Reality-Based Abstraction


Airport
My current work evokes in me the excitement I felt 4 decades ago watching my first photographs emerge in a developing tray.

Farm Gears
Today I eagerly watch the screen on the back of my digital camera as the machine develops a series of exposures into these multilayered offerings.

Repurposing
Since the image combining occurs in-camera, the raw files that emerge are flat and gray looking.

Mill Windows

I use a computer darkroom to reveal rich detail, texture and color.

Brownstones and Railings

The art of the Cubist painters shimmers with life.

Rail Yard
These painters have inspired me to utilize multiple views simultaneously to portray the essence of a subject.

Wooden Bridge
Engaging light and graphic beauty draw me to subject matter.

Country Porch
The “zzt” sound of the camera’s shutter encourages me.

Steel Bridge
I joyfully bend, stretch and strain while photographing.

Venetian Blinds
Heart, technology and technique combine to reflect the overlapping planes in which I see the world these days.

Bricks and Windows
The video below gives a sense of how I created Bricks and Windows.

On Location, No. 1

Passageway
I sometimes wonder what an onlooker thinks as I take an exposure while holding my camera upside down.

Art Museum Columns
Once I pick a subject, I sometimes try to plan the outcome of the multiple, layered exposures.  I have found, however, that when I act on instinct rather than linear planning, the results are more likely to sing.

Church, State and Home
 I use brief descriptive titles to hint at underlying reality.

Sailboats Racing
The transparent sails of these modern craft racing on the Charles River between Boston and Cambridge allow the river’s blue to show through.

Railroad Bridge
Trains no longer rumble across the Connecticut River under this steel superstructure. Instead, bicycles whir along. Trains. Bicycles. What’s next for this travel corridor?

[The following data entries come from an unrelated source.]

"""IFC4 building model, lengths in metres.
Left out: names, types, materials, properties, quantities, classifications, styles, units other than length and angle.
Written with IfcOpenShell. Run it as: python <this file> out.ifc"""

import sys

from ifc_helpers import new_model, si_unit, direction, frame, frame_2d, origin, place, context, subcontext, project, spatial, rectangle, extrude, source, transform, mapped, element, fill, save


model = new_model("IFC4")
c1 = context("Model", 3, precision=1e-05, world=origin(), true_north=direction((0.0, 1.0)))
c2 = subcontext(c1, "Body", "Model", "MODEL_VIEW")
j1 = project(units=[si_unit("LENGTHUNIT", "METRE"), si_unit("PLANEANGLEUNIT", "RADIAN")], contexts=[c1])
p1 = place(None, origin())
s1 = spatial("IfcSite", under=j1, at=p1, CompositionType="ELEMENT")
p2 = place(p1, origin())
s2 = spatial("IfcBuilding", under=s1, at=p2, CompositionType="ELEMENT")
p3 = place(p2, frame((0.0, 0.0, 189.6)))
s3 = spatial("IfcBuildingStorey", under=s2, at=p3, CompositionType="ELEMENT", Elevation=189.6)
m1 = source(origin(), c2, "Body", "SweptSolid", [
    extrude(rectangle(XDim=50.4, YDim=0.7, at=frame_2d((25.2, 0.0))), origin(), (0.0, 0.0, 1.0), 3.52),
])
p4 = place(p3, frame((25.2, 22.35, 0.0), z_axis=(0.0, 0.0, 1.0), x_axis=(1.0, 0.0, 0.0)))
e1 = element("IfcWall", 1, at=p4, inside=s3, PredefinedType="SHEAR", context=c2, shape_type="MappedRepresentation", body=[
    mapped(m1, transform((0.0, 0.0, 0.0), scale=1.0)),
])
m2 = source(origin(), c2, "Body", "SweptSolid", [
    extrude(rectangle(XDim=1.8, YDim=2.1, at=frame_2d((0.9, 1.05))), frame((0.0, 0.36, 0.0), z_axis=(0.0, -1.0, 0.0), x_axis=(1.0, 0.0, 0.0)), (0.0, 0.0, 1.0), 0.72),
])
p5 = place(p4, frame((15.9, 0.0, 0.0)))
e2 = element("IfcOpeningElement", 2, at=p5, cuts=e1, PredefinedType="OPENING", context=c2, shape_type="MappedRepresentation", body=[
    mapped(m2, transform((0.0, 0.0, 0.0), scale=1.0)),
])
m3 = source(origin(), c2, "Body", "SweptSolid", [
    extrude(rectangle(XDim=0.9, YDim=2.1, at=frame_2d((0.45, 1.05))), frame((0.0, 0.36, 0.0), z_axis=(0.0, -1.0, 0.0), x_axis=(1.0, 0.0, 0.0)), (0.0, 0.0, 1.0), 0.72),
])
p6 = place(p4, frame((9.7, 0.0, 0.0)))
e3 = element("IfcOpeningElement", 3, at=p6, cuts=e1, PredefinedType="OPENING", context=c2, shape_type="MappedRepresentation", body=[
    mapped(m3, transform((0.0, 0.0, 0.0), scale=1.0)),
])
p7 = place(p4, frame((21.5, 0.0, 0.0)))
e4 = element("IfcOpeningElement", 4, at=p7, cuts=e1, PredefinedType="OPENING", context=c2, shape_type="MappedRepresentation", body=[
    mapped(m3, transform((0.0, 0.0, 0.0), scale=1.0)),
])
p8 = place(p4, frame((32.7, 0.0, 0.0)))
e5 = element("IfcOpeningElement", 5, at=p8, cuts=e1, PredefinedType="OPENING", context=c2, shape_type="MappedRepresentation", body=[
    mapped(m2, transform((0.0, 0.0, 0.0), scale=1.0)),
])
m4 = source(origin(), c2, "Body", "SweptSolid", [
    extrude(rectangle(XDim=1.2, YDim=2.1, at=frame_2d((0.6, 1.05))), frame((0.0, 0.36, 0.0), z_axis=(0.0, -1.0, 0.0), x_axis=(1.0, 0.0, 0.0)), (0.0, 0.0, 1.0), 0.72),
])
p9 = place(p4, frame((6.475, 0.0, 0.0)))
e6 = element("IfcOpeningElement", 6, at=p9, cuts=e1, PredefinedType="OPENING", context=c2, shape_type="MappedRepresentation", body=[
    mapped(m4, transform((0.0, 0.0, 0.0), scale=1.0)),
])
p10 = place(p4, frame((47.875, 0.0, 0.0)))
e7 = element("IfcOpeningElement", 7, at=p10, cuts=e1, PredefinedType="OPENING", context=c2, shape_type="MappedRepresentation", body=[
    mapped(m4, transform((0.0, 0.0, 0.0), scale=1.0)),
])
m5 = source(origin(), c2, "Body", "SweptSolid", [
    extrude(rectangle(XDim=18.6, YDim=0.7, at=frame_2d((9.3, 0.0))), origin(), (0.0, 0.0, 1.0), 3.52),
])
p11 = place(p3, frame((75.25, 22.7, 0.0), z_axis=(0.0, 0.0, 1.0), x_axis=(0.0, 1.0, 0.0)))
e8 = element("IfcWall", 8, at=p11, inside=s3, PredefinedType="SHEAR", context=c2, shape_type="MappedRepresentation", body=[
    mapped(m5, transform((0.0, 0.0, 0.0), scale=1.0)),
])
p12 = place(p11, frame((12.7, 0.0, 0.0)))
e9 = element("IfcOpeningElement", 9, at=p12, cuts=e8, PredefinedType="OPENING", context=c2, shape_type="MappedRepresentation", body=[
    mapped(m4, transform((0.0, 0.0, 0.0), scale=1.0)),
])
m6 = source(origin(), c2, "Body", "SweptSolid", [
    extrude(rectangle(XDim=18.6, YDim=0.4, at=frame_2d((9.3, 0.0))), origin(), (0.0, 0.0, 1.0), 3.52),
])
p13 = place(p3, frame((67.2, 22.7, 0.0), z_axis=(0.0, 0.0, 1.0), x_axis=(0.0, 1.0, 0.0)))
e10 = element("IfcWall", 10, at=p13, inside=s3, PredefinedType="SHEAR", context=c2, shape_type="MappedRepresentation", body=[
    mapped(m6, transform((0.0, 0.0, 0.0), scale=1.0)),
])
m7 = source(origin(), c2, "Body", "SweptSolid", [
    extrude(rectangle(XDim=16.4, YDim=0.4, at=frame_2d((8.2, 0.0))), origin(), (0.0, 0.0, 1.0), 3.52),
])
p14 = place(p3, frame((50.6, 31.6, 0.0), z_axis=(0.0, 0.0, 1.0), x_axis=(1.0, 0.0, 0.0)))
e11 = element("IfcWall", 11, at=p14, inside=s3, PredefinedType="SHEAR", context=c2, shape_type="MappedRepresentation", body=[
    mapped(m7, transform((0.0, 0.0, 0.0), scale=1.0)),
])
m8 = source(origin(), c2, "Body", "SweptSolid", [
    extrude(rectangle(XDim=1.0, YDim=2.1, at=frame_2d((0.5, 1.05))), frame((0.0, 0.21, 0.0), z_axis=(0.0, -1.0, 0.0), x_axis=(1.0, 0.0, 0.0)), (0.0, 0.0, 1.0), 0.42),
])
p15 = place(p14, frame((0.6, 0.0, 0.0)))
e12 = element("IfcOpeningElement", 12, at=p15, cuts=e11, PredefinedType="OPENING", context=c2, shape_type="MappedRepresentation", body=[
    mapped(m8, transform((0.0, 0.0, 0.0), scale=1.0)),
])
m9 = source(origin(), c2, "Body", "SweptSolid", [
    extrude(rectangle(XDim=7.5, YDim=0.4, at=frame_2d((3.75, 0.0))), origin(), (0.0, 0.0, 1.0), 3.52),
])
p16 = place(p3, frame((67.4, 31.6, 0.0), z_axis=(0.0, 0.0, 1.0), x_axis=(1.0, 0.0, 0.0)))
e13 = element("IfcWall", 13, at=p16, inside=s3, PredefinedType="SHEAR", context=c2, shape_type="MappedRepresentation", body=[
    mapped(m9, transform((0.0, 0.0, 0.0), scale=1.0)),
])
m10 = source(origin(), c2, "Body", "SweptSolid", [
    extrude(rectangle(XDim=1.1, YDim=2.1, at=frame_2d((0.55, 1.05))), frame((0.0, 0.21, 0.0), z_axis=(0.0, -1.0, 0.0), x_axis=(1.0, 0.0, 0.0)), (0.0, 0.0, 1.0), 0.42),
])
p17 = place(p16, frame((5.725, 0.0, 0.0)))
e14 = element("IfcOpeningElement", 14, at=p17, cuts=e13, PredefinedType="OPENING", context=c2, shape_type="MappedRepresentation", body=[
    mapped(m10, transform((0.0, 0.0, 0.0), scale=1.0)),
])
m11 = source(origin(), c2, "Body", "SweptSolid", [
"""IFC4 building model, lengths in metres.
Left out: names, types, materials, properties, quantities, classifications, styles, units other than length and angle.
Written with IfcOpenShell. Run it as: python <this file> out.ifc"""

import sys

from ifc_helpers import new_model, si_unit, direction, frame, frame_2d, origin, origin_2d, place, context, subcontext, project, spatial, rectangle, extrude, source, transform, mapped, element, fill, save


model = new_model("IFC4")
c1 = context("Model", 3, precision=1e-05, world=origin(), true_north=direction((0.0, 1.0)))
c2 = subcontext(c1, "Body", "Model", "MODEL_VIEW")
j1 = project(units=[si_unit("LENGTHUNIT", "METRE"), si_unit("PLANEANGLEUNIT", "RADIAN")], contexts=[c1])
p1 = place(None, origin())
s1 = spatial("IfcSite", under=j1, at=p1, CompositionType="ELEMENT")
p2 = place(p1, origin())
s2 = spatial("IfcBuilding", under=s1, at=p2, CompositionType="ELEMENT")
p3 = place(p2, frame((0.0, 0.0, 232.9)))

Whither Industrial America?
I teach photography in Turners Falls, MA. Many of the town’s mill buildings along the power canal sit unused, slowly disintegrating. This image evokes for me stormy seas and masted boats going down.

Broken Window
Another process video:  The making of Broken Window.

On Location, No. 2

Glass Door
After spending the day at MASSMoCA (Massachusetts Museum of Contemporary Art), this is how the exit door looked to me.

Townhouse Neighborhood
Every person looking down from a skyscraper at Boston’s Back Bay neighborhood sees what their life experiences to date have taught them to see.

University Church
Given these multiple, unique truths, I think abstraction can be a more universal reality.

On Location No. 3

This video traces the roots of my abstract image making.







2 comments :

Anonymous said...

These are all AMAZING but my favorite has to be "Country Porch" I love the colors, texture and lines.

John Nordell said...

Thank you. It's a delight making them.